Here we are going to use GTFuse to grab the RNA-Seq reads mapping to a handfull of mutations for a single patient. region_subsetter is a function from the CGHelpers Notebook which does this. For now I have it configured to pull all reads mapping to a set of mutations supplied to it in the form of a MAF file.

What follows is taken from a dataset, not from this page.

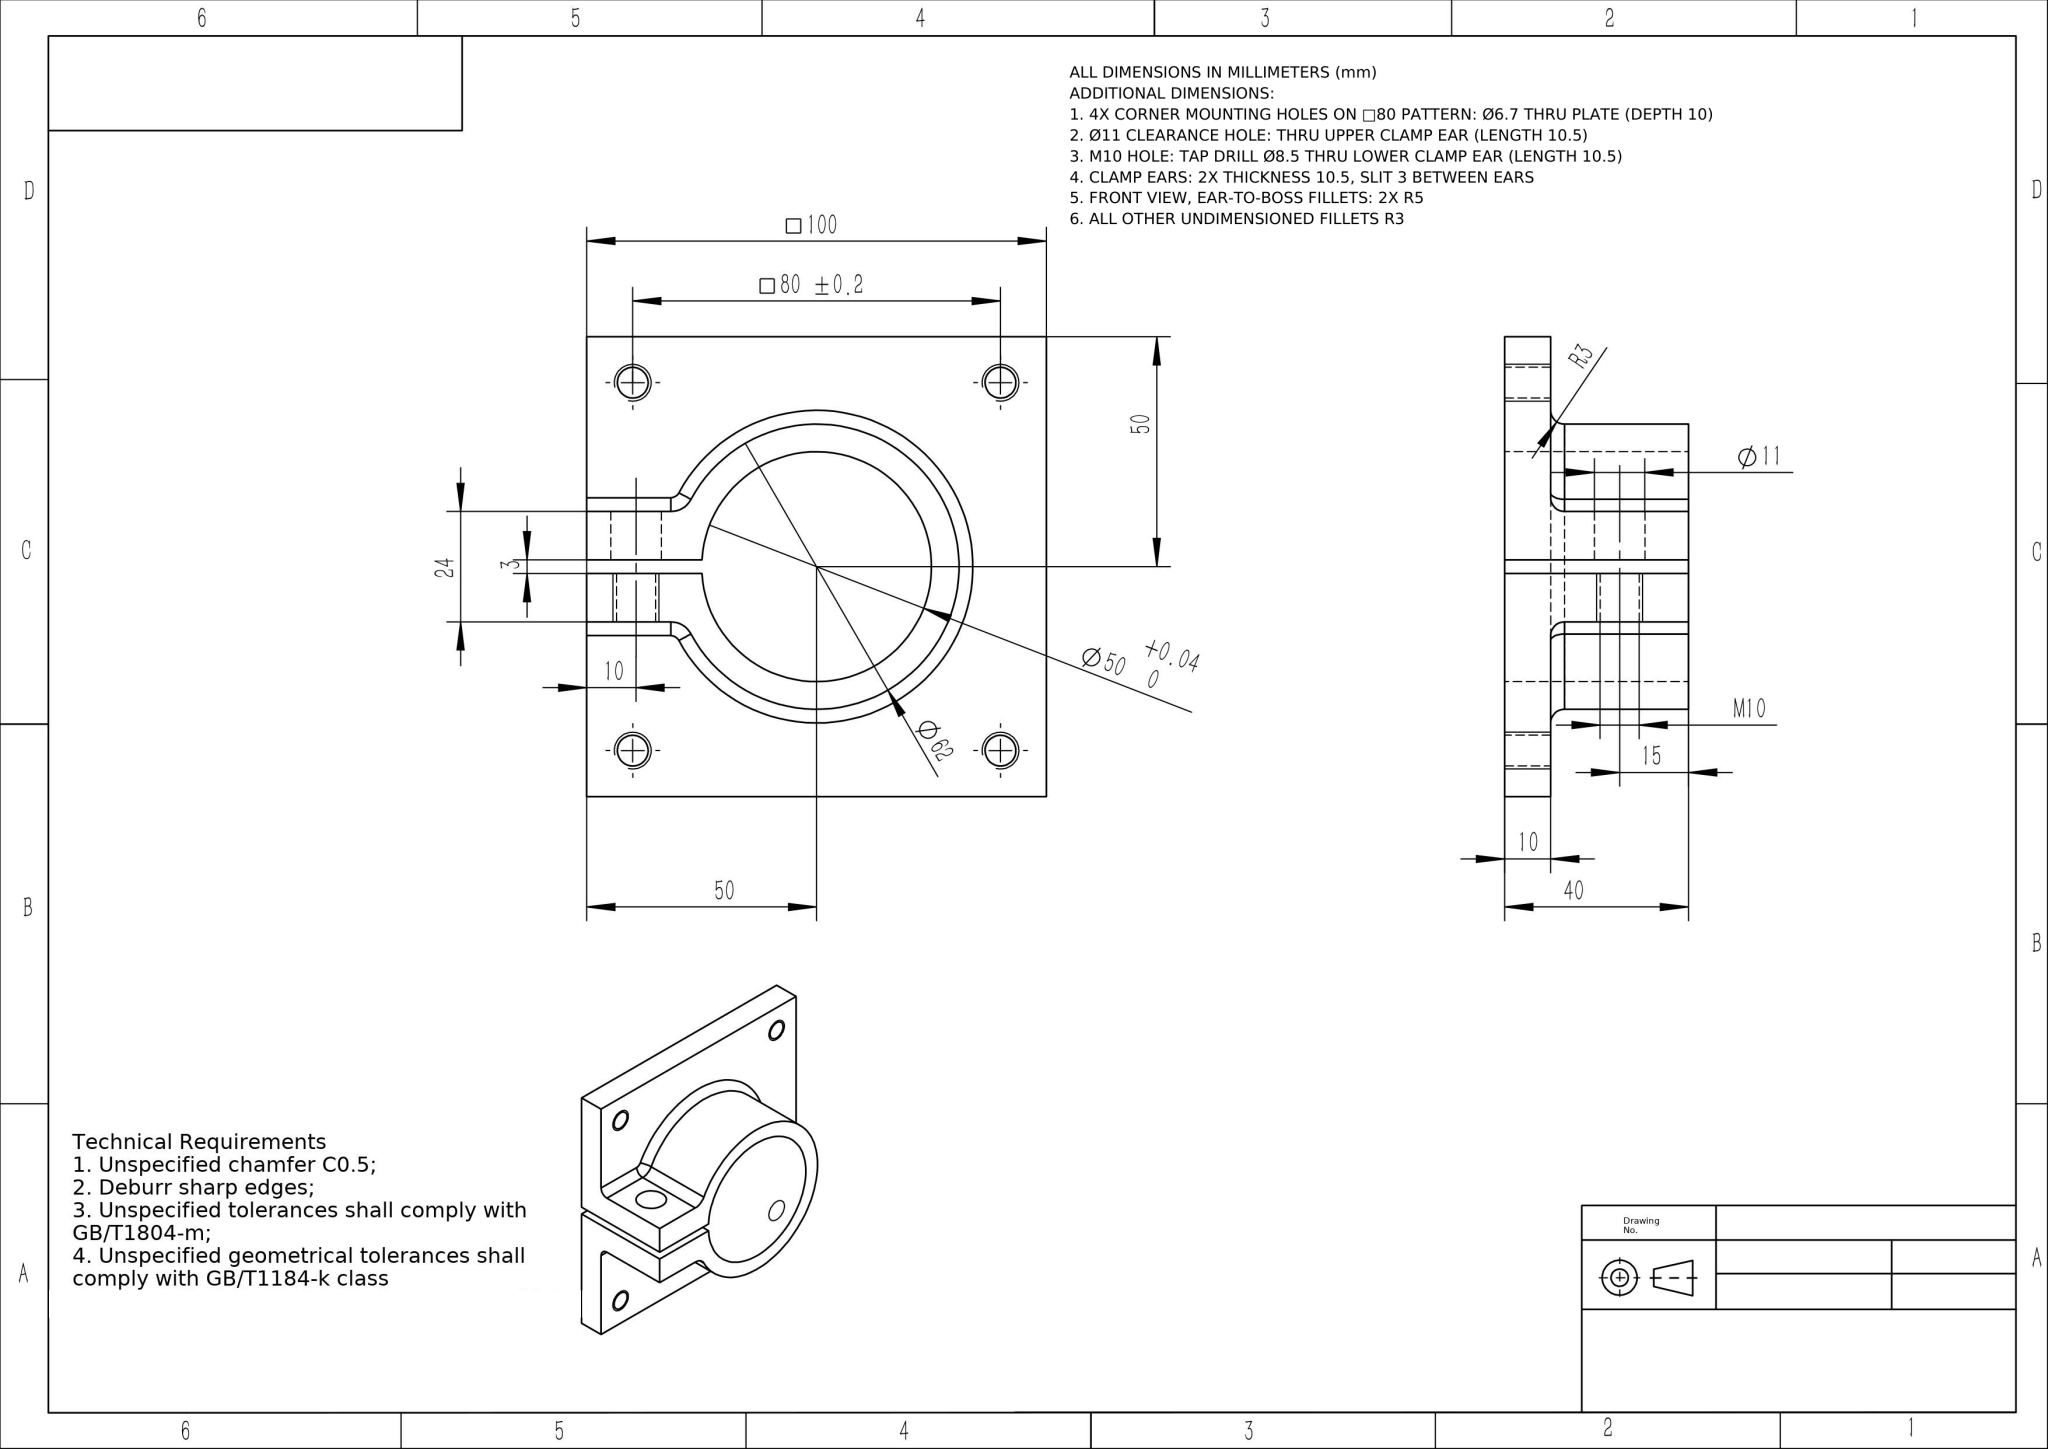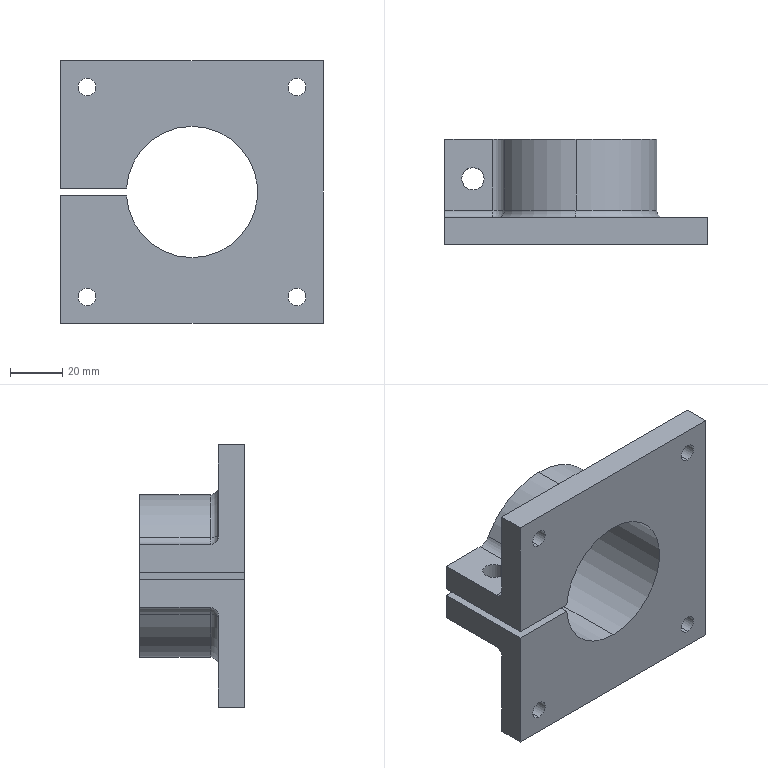Part | NX | mm | 1 solid | 39 faces | box 100 x 40 x 100 mm | volume 120787 mm3 | cylinder 22 | plane 12 | torus 5 | commonest cylinder face diameters 6.7 x8 50 x3 62 x3 11 x2 8.5 x2 10 x2 6 x2

At some point I will generalize it.


In [15]:
from CGHelpers import region_subsetter

In [16]:
GLOBALS = annai

CGFile.gt_fuse = GLOBALS.GT_FUSE
CGFile.cghub = GLOBALS.CGHUB
CGFile.cache = GLOBALS.CACHE

In [17]:
maf = pd.read_csv('/cellar/users/agross/TCGA_Code/TCGA/Data/MAFs/mega_maf.csv', 
                  index_col=0)

In [18]:
subsetter = region_subsetter(maf, tcga, directory=GLOBALS.VM_DIRECTORY, 
                             library_type='RNA-Seq', tissue_code='TP',
                             out='RNA-seq')

In [19]:
print subsetter('TCGA-06-0878')


echo running patient TCGA-06-0878 at `date`;
mkdir /home/centos/projects/TCGA-06-0878_TP_RNA-Seq;
gtfuse -c /home/centos/cghub.key --inactivity-timeout=2 https://cghub.ucsc.edu/cghub/data/analysis/download/72ac9bf5-ccb1-46a7-9341-4178b5dc8f17 /home/centos/projects/TCGA-06-0878_TP_RNA-Seq;
samtools view /home/centos/projects/TCGA-06-0878_TP_RNA-Seq/72ac9bf5-ccb1-46a7-9341-4178b5dc8f17/UNCID_1538835.903d756b-42ba-49bd-9a53-085b3211d8a7.sorted_genome_alignments.bam chr1:15428142-15428142 chr1:15428142-15428142 chr1:22206668-22206668 chr1:89729595-89729595 chr1:104122114-104122114 chr1:157667597-157667597 chr1:249148230-249148230 chr2:3743415-3743415 chr2:103379127-103379127 chr2:161025770-161025770 chr2:196865488-196865488 chr2:227660808-227660808 chr3:13672223-13672223 chr3:182585181-182585181 chr4:1206064-1206064 chr4:10515205-10515205 chr4:106406491-106406491 chr4:106406491-106406491 chr4:155252747-155252747 chr5:11022883-11022883 chr5:140222517-140222517 chr5:140222517-140222517 chr5:169122848-169122848 chr6:55142306-55142306 chr7:31016925-31016925 chr7:55221781-55221781 chr7:55221796-55221796 chr7:55221821-55221821 chr7:82997221-82997221 chr7:100350611-100350611 chr7:107706946-107706946 chr7:151892993-151892993 chr8:69104577-69104577 chr9:113704320-113704320 chr9:123675735-123675735 chr9:127670739-127670739 chr9:138667205-138667205 chr10:105823552-105823552 chr11:55873034-55873034 chr11:67941367-67941367 chr12:43770043-43770043 chr12:54913072-54913072 chr12:81688794-81688794 chr12:109843786-109843786 chr12:112703783-112703783 chr13:50746904-50746904 chr13:50746904-50746904 chr15:50254197-50254197 chr16:315011-315011 chr16:20357449-20357449 chr16:50731207-50731207 chr16:84472802-84472802 chr17:21730916-21730916 chr17:21730916-21730916 chr19:40395919-40395919 chr19:41292794-41292794 chr19:41726597-41726597 chr19:45912970-45912970 chr19:55420770-55420770 chr20:5903131-5903131 chr20:60697790-60697790 chr21:31852408-31852408 chr21:32007726-32007726 chr22:18178948-18178948 chr22:37482392-37482392 chr22:47189513-47189513 chrX:18275064-18275064 chrX:117054239-117054239 > /home/centos/projects/RNA-seq/TCGA-06-0878_RNA-Seq;
fusermount -u /home/centos/projects/TCGA-06-0878_TP_RNA-Seq;
rm -rf /home/centos/cache/fusecache/72ac9bf5-ccb1-46a7-9341-4178b5dc8f17*;
rm -rf /home/centos/projects/TCGA-06-0878_TP_RNA-Seq

From here you would throw a bunch of these into a folder and run a them in parallel on the Annai machine.